Actuellement, les maladies cardiovasculaires entraînent 10 000 décès chaque jour en Europe, et en Espagne, les données de l’Institut National de la Statistique indiquent qu’environ 314 personnes meurent chaque jour en raison d’événements cardiovasculaires. Outre leur impact sur les individus, ces pathologies représentent une charge économique considérable pour le système de santé, avec des dépenses en Europe s’élevant à 282 milliards d’euros par an.
Bien qu’elles demeurent la première cause de mortalité sur le continent, les maladies cardiovasculaires sont largement évitables, et un intérêt croissant se manifeste pour réduire cette charge à travers des changements comportementaux et une gestion des facteurs de risque et des causes.
Un nouveau rapport intitulé L’avenir de la santé cardiovasculaire en Europe : une approche holistique a été récemment publié, regroupant les conclusions du premier Think Tank organisé par Daiichi Sankyo, en collaboration avec dix experts européens de différentes spécialités, visant à identifier les principales barrières et à proposer des solutions pour un meilleur encadrement de ces maladies.
Les experts ayant contribué à ce rapport représentent diverses disciplines impliquées dans la prise en charge des patients cardiovasculaires, incluant des cliniciens, des associations de patients, des chercheurs, des spécialistes en eSanté, en nutrition, en infirmier(e)s, en psychologie, en sport, ainsi que des experts en communication et en politique sanitaire.

Un style de vie sain peut éviter plus de 80% des décès.
Défis
Les participants se sont penchés sur les facteurs comportementaux et physiologiques des maladies cardiovasculaires, tels que l’alimentation, l’exercice et la santé mentale.
Parmi les défis identifiés comme obstacles à l’adoption d’une approche globale figuraient : la désinformation, la communication limitée entre les professionnels de différents domaines, les contraintes de financement et les pressions sociales.
Sur cette base, le rapport propose trois recommandations stratégiques pour intégrer une approche holistique dans les soins cardiovasculaires en Europe, établissant une feuille de route commune pour y parvenir, autour de trois axes principaux.
Trois stratégies
1. Renforcer la collaboration interdisciplinaire et la communication entre les professionnels de santé ainsi que ceux liés à la santé cardiovasculaire de manière intégrale (comme les nutritionnistes ou psychologues, entre autres), en améliorant également la communication entre médecins et patients. Mettre en œuvre l’intelligence artificielle (IA) pour faciliter cette communication et coordination, ainsi que pour créer des plans personnalisés pour chaque patient, étant donné que les analyses prédictives basées sur l’IA peuvent analyser de grandes quantités de données patients, des prédispositions génétiques aux facteurs liés au style de vie.
2. Améliorer le soutien et l’éducation des patients, en favorisant la sensibilisation tout au long de la vie, en débutant l’éducation dès l’âge scolaire et en dotant les enfants des connaissances nécessaires pour prendre des décisions éclairées concernant leur santé cardiaque dès leur plus jeune âge. Cela inclut également le renforcement des programmes de bien-être physique et mental sur les lieux de travail.
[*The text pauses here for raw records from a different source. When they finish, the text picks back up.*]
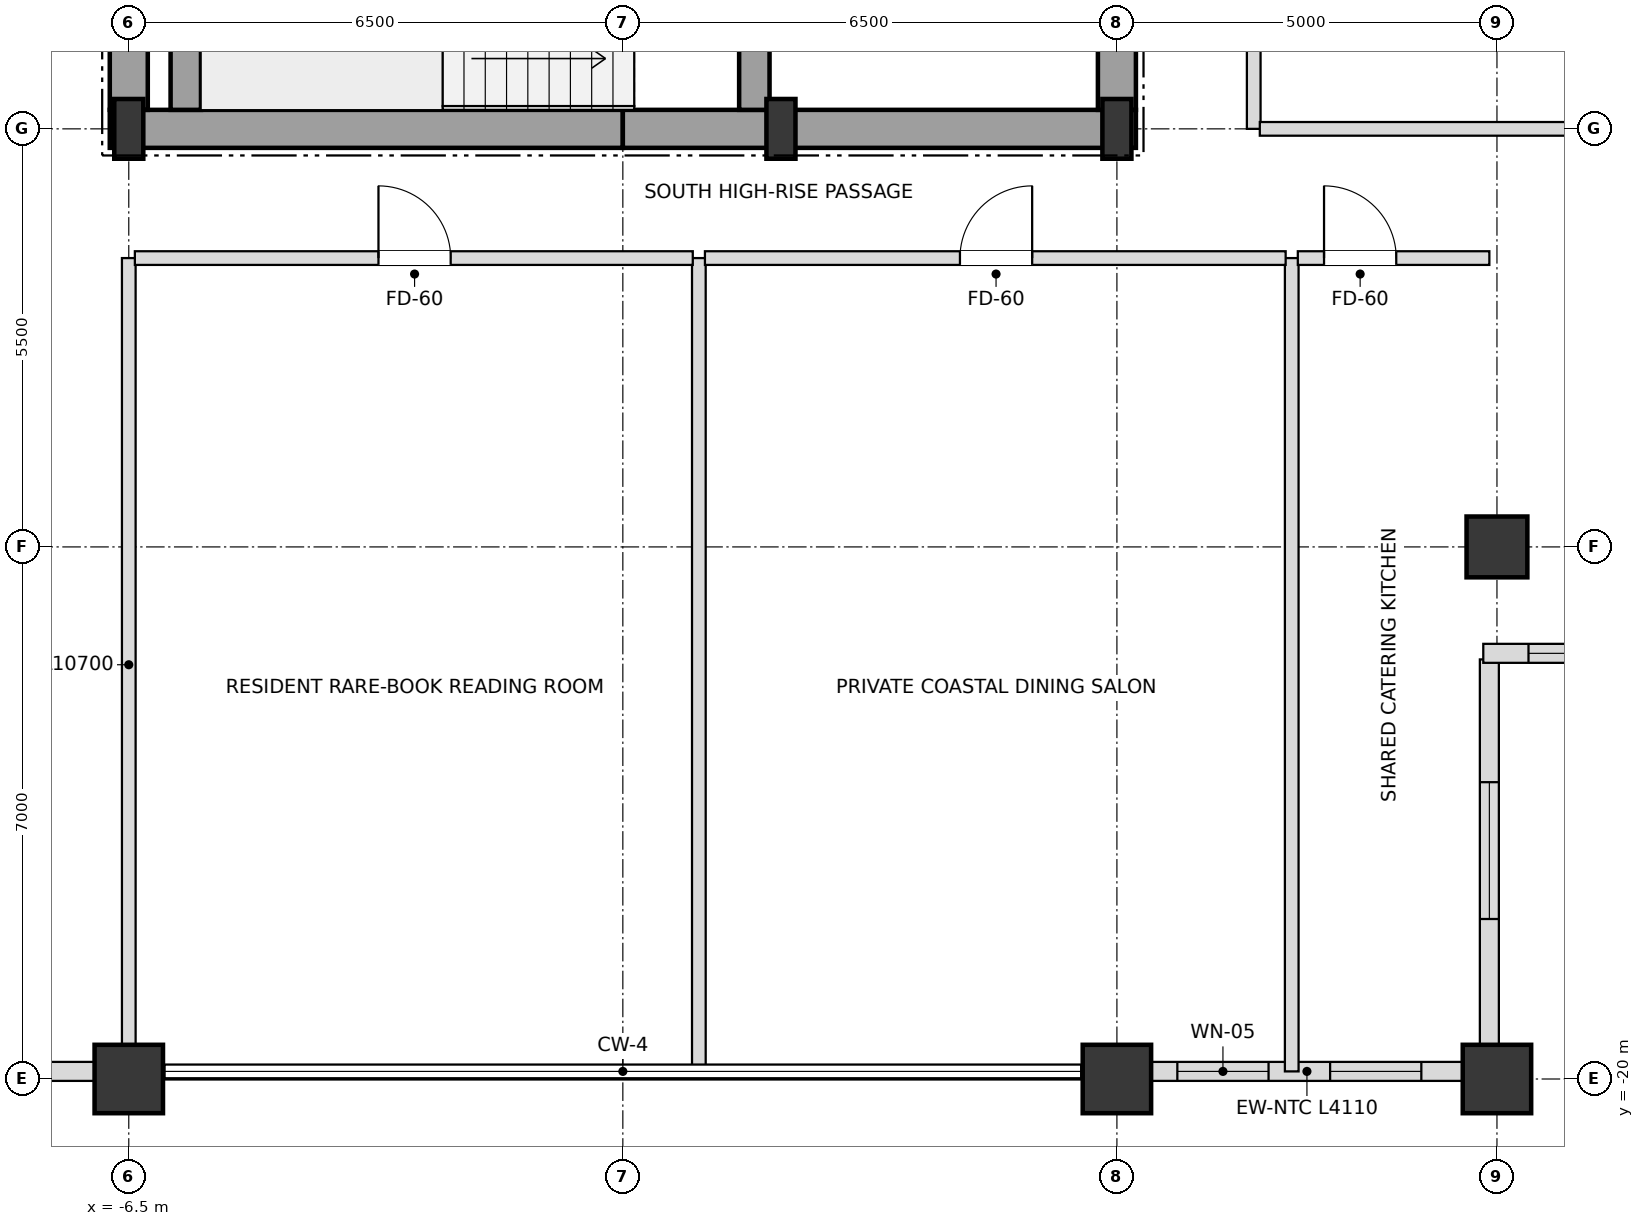
"""IFC4 building model, lengths in metres.
Left out: names, types, materials, properties, quantities, classifications, styles, units other than length and angle.
Written with IfcOpenShell. Run it as: python <this file> out.ifc"""

import sys

from ifc_helpers import new_model, si_unit, direction, frame, frame_2d, origin, origin_2d, place, context, subcontext, project, spatial, rectangle, i_section, extrude, element, fill, save


model = new_model("IFC4")
c1 = context("Model", 3, precision=1e-05, world=origin(), true_north=direction((0.0, 1.0)))
c2 = subcontext(c1, "Body", "Model", "MODEL_VIEW")
j1 = project(units=[si_unit("LENGTHUNIT", "METRE"), si_unit("PLANEANGLEUNIT", "RADIAN")], contexts=[c1])
p1 = place(None, origin())
s1 = spatial("IfcSite", under=j1, at=p1, CompositionType="ELEMENT")
p2 = place(p1, origin())
s2 = spatial("IfcBuilding", under=s1, at=p2, CompositionType="ELEMENT")
p3 = place(p2, frame((0.0, 0.0, 258.3)))
s3 = spatial("IfcBuildingStorey", under=s2, at=p3, CompositionType="ELEMENT", Elevation=258.3)
for number, where, z_axis, x_axis in (
    (1, (-6.5, -7.5, 0.0), (0.0, 0.0, 1.0), (1.0, 0.0, 0.0)),
    (2, (2.08, -7.5, 0.0), (0.0, 0.0, 1.0), (1.0, 0.0, 0.0)),
    (3, (6.5, -7.5, 0.0), (0.0, 0.0, 1.0), (1.0, 0.0, 0.0)),
):
    element("IfcColumn", number, at=place(p3, frame(where, z_axis=z_axis, x_axis=x_axis)), inside=s3, PredefinedType="COLUMN", context=c2, shape_type="SweptSolid", body=[
        extrude(i_section(OverallWidth=0.382, OverallDepth=0.786, WebThickness=0.02, FlangeThickness=0.033, at=origin_2d()), origin(), (0.0, 0.0, 1.0), 3.6),
    ])
for number, where, z_axis, x_axis in (
    (4, (-6.5, -20.0, 0.0), (0.0, 0.0, 1.0), (1.0, 0.0, 0.0)),
    (5, (6.5, -20.0, 0.0), (0.0, 0.0, 1.0), (1.0, 0.0, 0.0)),
    (6, (11.5, -20.0, 0.0), (0.0, 0.0, 1.0), (1.0, 0.0, 0.0)),
):
    element("IfcColumn", number, at=place(p3, frame(where, z_axis=z_axis, x_axis=x_axis)), inside=s3, PredefinedType="USERDEFINED", context=c2, shape_type="SweptSolid", body=[
        extrude(rectangle(XDim=0.9, YDim=0.9, at=origin_2d()), origin(), (0.0, 0.0, 1.0), 3.6),
    ])
p4 = place(p3, frame((11.5, -13.0, 0.0), z_axis=(0.0, 0.0, 1.0), x_axis=(1.0, 0.0, 0.0)))
e7 = element("IfcColumn", 7, at=p4, inside=s3, PredefinedType="COLUMN", context=c2, shape_type="SweptSolid", body=[
    extrude(rectangle(XDim=0.8, YDim=0.8, at=origin_2d()), origin(), (0.0, 0.0, 1.0), 3.6),
])
p5 = place(p3, frame((-11.055, -19.9, 0.0), z_axis=(0.0, 0.0, 1.0), x_axis=(1.0, 0.0, 0.0)))
e8 = element("IfcWall", 8, at=p5, inside=s3, PredefinedType="SOLIDWALL", context=c2, shape_type="SweptSolid", body=[
    extrude(rectangle(XDim=4.11, YDim=0.25, at=frame_2d((2.055, 0.0))), origin(), (0.0, 0.0, 1.0), 2.748),
])
p6 = place(p5, frame((1.155, 0.0, 0.72)))
e9 = element("IfcOpeningElement", 9, at=p6, cuts=e8, PredefinedType="OPENING", context=c2, shape_type="SweptSolid", body=[
    extrude(rectangle(XDim=1.8, YDim=1.68, at=frame_2d((0.9, 0.84))), frame((0.0, 0.135, 0.0), z_axis=(0.0, -1.0, 0.0), x_axis=(1.0, 0.0, 0.0)), (0.0, 0.0, 1.0), 0.27),
])
p7 = place(p3, frame((6.945, -19.9, 0.0), z_axis=(0.0, 0.0, 1.0), x_axis=(1.0, 0.0, 0.0)))
e10 = element("IfcWall", 10, at=p7, inside=s3, PredefinedType="SOLIDWALL", context=c2, shape_type="SweptSolid", body=[
    extrude(rectangle(XDim=4.11, YDim=0.25, at=frame_2d((2.055, 0.0))), origin(), (0.0, 0.0, 1.0), 2.748),
])
p8 = place(p7, frame((0.35, 0.0, 0.72)))
e11 = element("IfcOpeningElement", 11, at=p8, cuts=e10, PredefinedType="OPENING", context=c2, shape_type="SweptSolid", body=[
    extrude(rectangle(XDim=1.2, YDim=1.68, at=frame_2d((0.6, 0.84))), frame((0.0, 0.135, 0.0), z_axis=(0.0, -1.0, 0.0), x_axis=(1.0, 0.0, 0.0)), (0.0, 0.0, 1.0), 0.27),
])
p9 = place(p7, frame((2.36, 0.0, 0.72)))
e12 = element("IfcOpeningElement", 12, at=p9, cuts=e10, PredefinedType="OPENING", context=c2, shape_type="SweptSolid", body=[
    extrude(rectangle(XDim=1.2, YDim=1.68, at=frame_2d((0.6, 0.84))), frame((0.0, 0.135, 0.0), z_axis=(0.0, -1.0, 0.0), x_axis=(1.0, 0.0, 0.0)), (0.0, 0.0, 1.0), 0.27),
])
p10 = place(p3, frame((11.4, -19.82, 0.0), z_axis=(0.0, 0.0, 1.0), x_axis=(0.0, 1.0, 0.0)))
e13 = element("IfcWall", 13, at=p10, inside=s3, PredefinedType="SOLIDWALL", context=c2, shape_type="SweptSolid", body=[
    extrude(rectangle(XDim=5.34, YDim=0.25, at=frame_2d((2.67, 0.0))), origin(), (0.0, 0.0, 1.0), 2.748),
])
p11 = place(p10, frame((1.925, 0.0, 0.72)))
e14 = element("IfcOpeningElement", 14, at=p11, cuts=e13, PredefinedType="OPENING", context=c2, shape_type="SweptSolid", body=[
    extrude(rectangle(XDim=1.8, YDim=1.68, at=frame_2d((0.9, 0.84))), frame((0.0, 0.135, 0.0), z_axis=(0.0, -1.0, 0.0), x_axis=(1.0, 0.0, 0.0)), (0.0, 0.0, 1.0), 0.27),
])
p12 = place(p3, frame((11.32, -14.4, 0.0), z_axis=(0.0, 0.0, 1.0), x_axis=(1.0, 0.0, 0.0)))
e15 = element("IfcWall", 15, at=p12, inside=s3, PredefinedType="SOLIDWALL", context=c2, shape_type="SweptSolid", body=[
    extrude(rectangle(XDim=5.66, YDim=0.25, at=frame_2d((2.83, 0.0))), origin(), (0.0, 0.0, 1.0), 2.748),
])
p13 = place(p12, frame((0.595, 0.0, 0.72)))
e16 = element("IfcOpeningElement", 16, at=p13, cuts=e15, PredefinedType="OPENING", context=c2, shape_type="SweptSolid", body=[
    extrude(rectangle(XDim=1.8, YDim=1.68, at=frame_2d((0.9, 0.84))), frame((0.0, 0.135, 0.0), z_axis=(0.0, -1.0, 0.0), x_axis=(1.0, 0.0, 0.0)), (0.0, 0.0, 1.0), 0.27),
])
p14 = place(p12, frame((3.265, 0.0, 0.72)))
e17 = element("IfcOpeningElement", 17, at=p14, cuts=e15, PredefinedType="OPENING", context=c2, shape_type="SweptSolid", body=[
    extrude(rectangle(XDim=1.8, YDim=1.68, at=frame_2d((0.9, 0.84))), frame((0.0, 0.135, 0.0), z_axis=(0.0, -1.0, 0.0), x_axis=(1.0, 0.0, 0.0)), (0.0, 0.0, 1.0), 0.27),
])
for number, where, z_axis, x_axis in (
    (18, (-6.75, -7.5, 0.0), (0.0, 0.0, 1.0), (1.0, 0.0, 0.0)),
    (19, (0.0, -7.5, 0.0), (0.0, 0.0, 1.0), (1.0, 0.0, 0.0)),
):
    element("IfcWall", number, at=place(p3, frame(where, z_axis=z_axis, x_axis=x_axis)), inside=s3, PredefinedType="SHEAR", context=c2, shape_type="SweptSolid", body=[
        extrude(rectangle(XDim=6.75, YDim=0.5, at=frame_2d((3.375, 0.0))), origin(), (0.0, 0.0, 1.0), 3.38),
    ])
p15 = place(p3, frame((-6.5, -7.25, 0.0), z_axis=(0.0, 0.0, 1.0), x_axis=(0.0, 1.0, 0.0)))
e20 = element("IfcWall", 20, at=p15, inside=s3, PredefinedType="SHEAR", context=c2, shape_type="SweptSolid", body=[
    extrude(rectangle(XDim=3.55, YDim=0.5, at=frame_2d((1.775, 0.0))), origin(), (0.0, 0.0, 1.0), 3.38),
])
p16 = place(p3, frame((6.5, -7.25, 0.0), z_axis=(0.0, 0.0, 1.0), x_axis=(0.0, 1.0, 0.0)))
e21 = element("IfcWall", 21, at=p16, inside=s3, PredefinedType="SHEAR", context=c2, shape_type="SweptSolid", body=[
    extrude(rectangle(XDim=5.75, YDim=0.5, at=frame_2d((2.875, 0.0))), origin(), (0.0, 0.0, 1.0), 3.38),
])
p17 = place(p16, frame((0.85, 0.0, 0.0)))
e22 = element("IfcOpeningElement", 22, at=p17, cuts=e21, PredefinedType="OPENING", context=c2, shape_type="SweptSolid", body=[
    extrude(rectangle(XDim=1.05, YDim=2.15, at=frame_2d((0.525, 1.075))), frame((0.0, 0.26, 0.0), z_axis=(0.0, -1.0, 0.0), x_axis=(1.0, 0.0, 0.0)), (0.0, 0.0, 1.0), 0.52),
])
p18 = place(p3, frame((-5.75, -7.25, 0.0), z_axis=(0.0, 0.0, 1.0), x_axis=(0.0, 1.0, 0.0)))
e23 = element("IfcWall", 23, at=p18, inside=s3, PredefinedType="SHEAR", context=c2, shape_type="SweptSolid", body=[
    extrude(rectangle(XDim=2.9, YDim=0.4, at=frame_2d((1.45, 0.0))), origin(), (0.0, 0.0, 1.0), 3.38),
])
p19 = place(p3, frame((1.73, -7.25, 0.0), z_axis=(0.0, 0.0, 1.0), x_axis=(0.0, 1.0, 0.0)))
e24 = element("IfcWall", 24, at=p19, inside=s3, PredefinedType="SHEAR", context=c2, shape_type="SweptSolid", body=[
    extrude(rectangle(XDim=3.3, YDim=0.4, at=frame_2d((1.65, 0.0))), origin(), (0.0, 0.0, 1.0), 3.38),
])
p20 = place(p19, frame((0.9, 0.0, 0.0)))
e25 = element("IfcOpeningElement", 25, at=p20, cuts=e24, PredefinedType="OPENING", context=c2, shape_type="SweptSolid", body=[
    extrude(rectangle(XDim=1.05, YDim=2.15, at=frame_2d((0.525, 1.075))), frame((0.0, 0.21, 0.0), z_axis=(0.0, -1.0, 0.0), x_axis=(1.0, 0.0, 0.0)), (0.0, 0.0, 1.0), 0.42),
])
p21 = place(p3, frame((-6.5, -19.9, 0.0), z_axis=(0.0, 0.0, 1.0), x_axis=(0.0, 1.0, 0.0)))
e26 = element("IfcWall", 26, at=p21, inside=s3, PredefinedType="PARTITIONING", context=c2, shape_type="SweptSolid", body=[
    extrude(rectangle(XDim=10.7, YDim=0.18, at=frame_2d((5.35, 0.0))), origin(), (0.0, 0.0, 1.0), 2.826),
])
p22 = place(p3, frame((1.0, -19.9, 0.0), z_axis=(0.0, 0.0, 1.0), x_axis=(0.0, 1.0, 0.0)))
e27 = element("IfcWall", 27, at=p22, inside=s3, PredefinedType="PARTITIONING", context=c2, shape_type="SweptSolid", body=[
    extrude(rectangle(XDim=10.7, YDim=0.18, at=frame_2d((5.35, 0.0))), origin(), (0.0, 0.0, 1.0), 3.018),
])
p23 = place(p3, frame((8.3, -7.5, 0.0), z_axis=(0.0, 0.0, 1.0), x_axis=(0.0, 1.0, 0.0)))
e28 = element("IfcWall", 28, at=p23, inside=s3, PredefinedType="PARTITIONING", context=c2, shape_type="SweptSolid", body=[
    extrude(rectangle(XDim=6.0, YDim=0.18, at=frame_2d((3.0, 0.0))), origin(), (0.0, 0.0, 1.0), 3.38),
])
p24 = place(p23, frame((1.425, 0.0, 0.0)))
e29 = element("IfcOpeningElement", 29, at=p24, cuts=e28, PredefinedType="OPENING", context=c2, shape_type="SweptSolid", body=[
    extrude(rectangle(XDim=0.95, YDim=2.15, at=frame_2d((0.475, 1.075))), frame((0.0, 0.1, 0.0), z_axis=(0.0, -1.0, 0.0), x_axis=(1.0, 0.0, 0.0)), (0.0, 0.0, 1.0), 0.2),
])
p25 = place(p3, frame((8.8, -19.9, 0.0), z_axis=(0.0, 0.0, 1.0), x_axis=(0.0, 1.0, 0.0)))
e30 = element("IfcWall", 30, at=p25, inside=s3, PredefinedType="PARTITIONING", context=c2, shape_type="SweptSolid", body=[
    extrude(rectangle(XDim=10.7, YDim=0.18, at=frame_2d((5.35, 0.0))), origin(), (0.0, 0.0, 1.0), 2.826),
])
p26 = place(p3, frame((-6.42, -9.2, 0.0), z_axis=(0.0, 0.0, 1.0), x_axis=(1.0, 0.0, 0.0)))
e31 = element("IfcWall", 31, at=p26, inside=s3, PredefinedType="PARTITIONING", context=c2, shape_type="SweptSolid", body=[
    extrude(rectangle(XDim=7.34, YDim=0.18, at=frame_2d((3.67, 0.0))), origin(), (0.0, 0.0, 1.0), 3.38),
])
p27 = place(p26, frame((3.205, 0.0, 0.0)))
e32 = element("IfcOpeningElement", 32, at=p27, cuts=e31, PredefinedType="OPENING", context=c2, shape_type="SweptSolid", body=[
    extrude(rectangle(XDim=0.95, YDim=2.15, at=frame_2d((0.475, 1.075))), frame((0.0, 0.1, 0.0), z_axis=(0.0, -1.0, 0.0), x_axis=(1.0, 0.0, 0.0)), (0.0, 0.0, 1.0), 0.2),
])
p28 = place(p3, frame((1.08, -9.2, 0.0), z_axis=(0.0, 0.0, 1.0), x_axis=(1.0, 0.0, 0.0)))
e33 = element("IfcWall", 33, at=p28, inside=s3, PredefinedType="PARTITIONING", context=c2, shape_type="SweptSolid", body=[
    extrude(rectangle(XDim=7.64, YDim=0.18, at=frame_2d((3.82, 0.0))), origin(), (0.0, 0.0, 1.0), 2.826),
])
p29 = place(p28, frame((3.355, 0.0, 0.0)))
e34 = element("IfcOpeningElement", 34, at=p29, cuts=e33, PredefinedType="OPENING", context=c2, shape_type="SweptSolid", body=[
    extrude(rectangle(XDim=0.95, YDim=2.15, at=frame_2d((0.475, 1.075))), frame((0.0, 0.1, 0.0), z_axis=(0.0, -1.0, 0.0), x_axis=(1.0, 0.0, 0.0)), (0.0, 0.0, 1.0), 0.2),
])
p30 = place(p3, frame((8.88, -9.2, 0.0), z_axis=(0.0, 0.0, 1.0), x_axis=(1.0, 0.0, 0.0)))
e35 = element("IfcWall", 35, at=p30, inside=s3, PredefinedType="PARTITIONING", context=c2, shape_type="SweptSolid", body=[
    extrude(rectangle(XDim=2.52, YDim=0.18, at=frame_2d((1.26, 0.0))), origin(), (0.0, 0.0, 1.0), 3.38),
])
p31 = place(p30, frame((0.345, 0.0, 0.0)))
e36 = element("IfcOpeningElement", 36, at=p31, cuts=e35, PredefinedType="OPENING", context=c2, shape_type="SweptSolid", body=[
    extrude(rectangle(XDim=0.95, YDim=2.15, at=frame_2d((0.475, 1.075))), frame((0.0, 0.1, 0.0), z_axis=(0.0, -1.0, 0.0), x_axis=(1.0, 0.0, 0.0)), (0.0, 0.0, 1.0), 0.2),
])
p32 = place(p3, frame((8.38, -7.5, 0.0), z_axis=(0.0, 0.0, 1.0), x_axis=(1.0, 0.0, 0.0)))
e37 = element("IfcWall", 37, at=p32, inside=s3, PredefinedType="PARTITIONING", context=c2, shape_type="SweptSolid", body=[
    extrude(rectangle(XDim=8.52, YDim=0.18, at=frame_2d((4.26, 0.0))), origin(), (0.0, 0.0, 1.0), 2.826),
])
p33 = place(p8, origin())
e38 = element("IfcWindow", 38, at=p33, inside=s3, PartitioningType="SINGLE_PANEL", PredefinedType="WINDOW", context=c2, shape_type="SweptSolid", body=[
    extrude(rectangle(XDim=1.2, YDim=1.68, at=frame_2d((0.6, 0.84))), frame((0.0, 0.03, 0.0), z_axis=(0.0, -1.0, 0.0), x_axis=(1.0, 0.0, 0.0)), (0.0, 0.0, 1.0), 0.06),
])
fill(e11, e38)
p34 = place(p9, origin())
e39 = element("IfcWindow", 39, at=p34, inside=s3, PartitioningType="SINGLE_PANEL", PredefinedType="WINDOW", context=c2, shape_type="SweptSolid", body=[
    extrude(rectangle(XDim=1.2, YDim=1.68, at=frame_2d((0.6, 0.84))), frame((0.0, 0.03, 0.0), z_axis=(0.0, -1.0, 0.0), x_axis=(1.0, 0.0, 0.0)), (0.0, 0.0, 1.0), 0.06),
])
fill(e12, e39)
p35 = place(p11, origin())
e40 = element("IfcWindow", 40, at=p35, inside=s3, PartitioningType="SINGLE_PANEL", PredefinedType="WINDOW", context=c2, shape_type="SweptSolid", body=[
    extrude(rectangle(XDim=1.8, YDim=1.68, at=frame_2d((0.9, 0.84))), frame((0.0, 0.03, 0.0), z_axis=(0.0, -1.0, 0.0), x_axis=(1.0, 0.0, 0.0)), (0.0, 0.0, 1.0), 0.06),
])
fill(e14, e40)
p36 = place(p13, origin())
e41 = element("IfcWindow", 41, at=p36, inside=s3, PartitioningType="SINGLE_PANEL", PredefinedType="WINDOW", context=c2, shape_type="SweptSolid", body=[
    extrude(rectangle(XDim=1.8, YDim=1.68, at=frame_2d((0.9, 0.84))), frame((0.0, 0.03, 0.0), z_axis=(0.0, -1.0, 0.0), x_axis=(1.0, 0.0, 0.0)), (0.0, 0.0, 1.0), 0.06),
])
fill(e16, e41)
p37 = place(p27, origin())
e42 = element("IfcDoor", 42, at=p37, inside=s3, OperationType="SINGLE_SWING_LEFT", PredefinedType="DOOR", context=c2, shape_type="SweptSolid", body=[
    extrude(rectangle(XDim=0.95, YDim=2.15, at=frame_2d((0.475, 1.075))), frame((0.0, 0.025, 0.0), z_axis=(0.0, -1.0, 0.0), x_axis=(1.0, 0.0, 0.0)), (0.0, 0.0, 1.0), 0.05),
])
fill(e32, e42)
p38 = place(p29, origin())
e43 = element("IfcDoor", 43, at=p38, inside=s3, OperationType="SINGLE_SWING_RIGHT", PredefinedType="DOOR", context=c2, shape_type="SweptSolid", body=[
    extrude(rectangle(XDim=0.95, YDim=2.15, at=frame_2d((0.475, 1.075))), frame((0.0, 0.025, 0.0), z_axis=(0.0, -1.0, 0.0), x_axis=(1.0, 0.0, 0.0)), (0.0, 0.0, 1.0), 0.05),
])
fill(e34, e43)
p39 = place(p31, origin())
e44 = element("IfcDoor", 44, at=p39, inside=s3, OperationType="SINGLE_SWING_LEFT", PredefinedType="DOOR", context=c2, shape_type="SweptSolid", body=[
    extrude(rectangle(XDim=0.95, YDim=2.15, at=frame_2d((0.475, 1.075))), frame((0.0, 0.025, 0.0), z_axis=(0.0, -1.0, 0.0), x_axis=(1.0, 0.0, 0.0)), (0.0, 0.0, 1.0), 0.05),
])
fill(e36, e44)
save(model, sys.argv[1])

3. Apporter des changements aux politiques de santé à l’échelle européenne. Les experts ont souligné que la vision holistique des soins cardiovasculaires doit figurer dans les agendas politiques à un niveau européen. Les modifications politiques pourraient permettre un meilleur accès aux soins préventifs, favoriser l’adoption d’un mode de vie sain et supprimer les barrières d’accès.
“Renforcer les politiques de prévention et traiter les facteurs de risque cardiovasculaires de manière globale est une priorité d’actualité. Nous devons œuvrer pour promouvoir l’éducation, car avec des interventions simples favorisant un mode de vie sain, comme l’arrêt du tabac, l’amélioration de l’activité physique, la réduction de l’obésité et le contrôle des facteurs de risque (hypertension, cholestérol, diabète), plus de 80% des décès cardiovasculaires prématurés peuvent être évités”, explique le Dr José Ramón González Juanatey, membre de la Fédération Mondiale du Cœur et participant au Think Tank.
Bon à savoir
- Les maladies cardiovasculaires représentent un enjeu de santé publique majeur, pouvant être en grande partie évitées par des mesures préventives.
- Une alimentation équilibrée et l’exercice régulier sont des facteurs cruciaux pour prévenir ces pathologies.
- La sensibilisation dès l’enfance peut jouer un rôle déterminant dans la prévention des maladies cardiaques à l’âge adulte.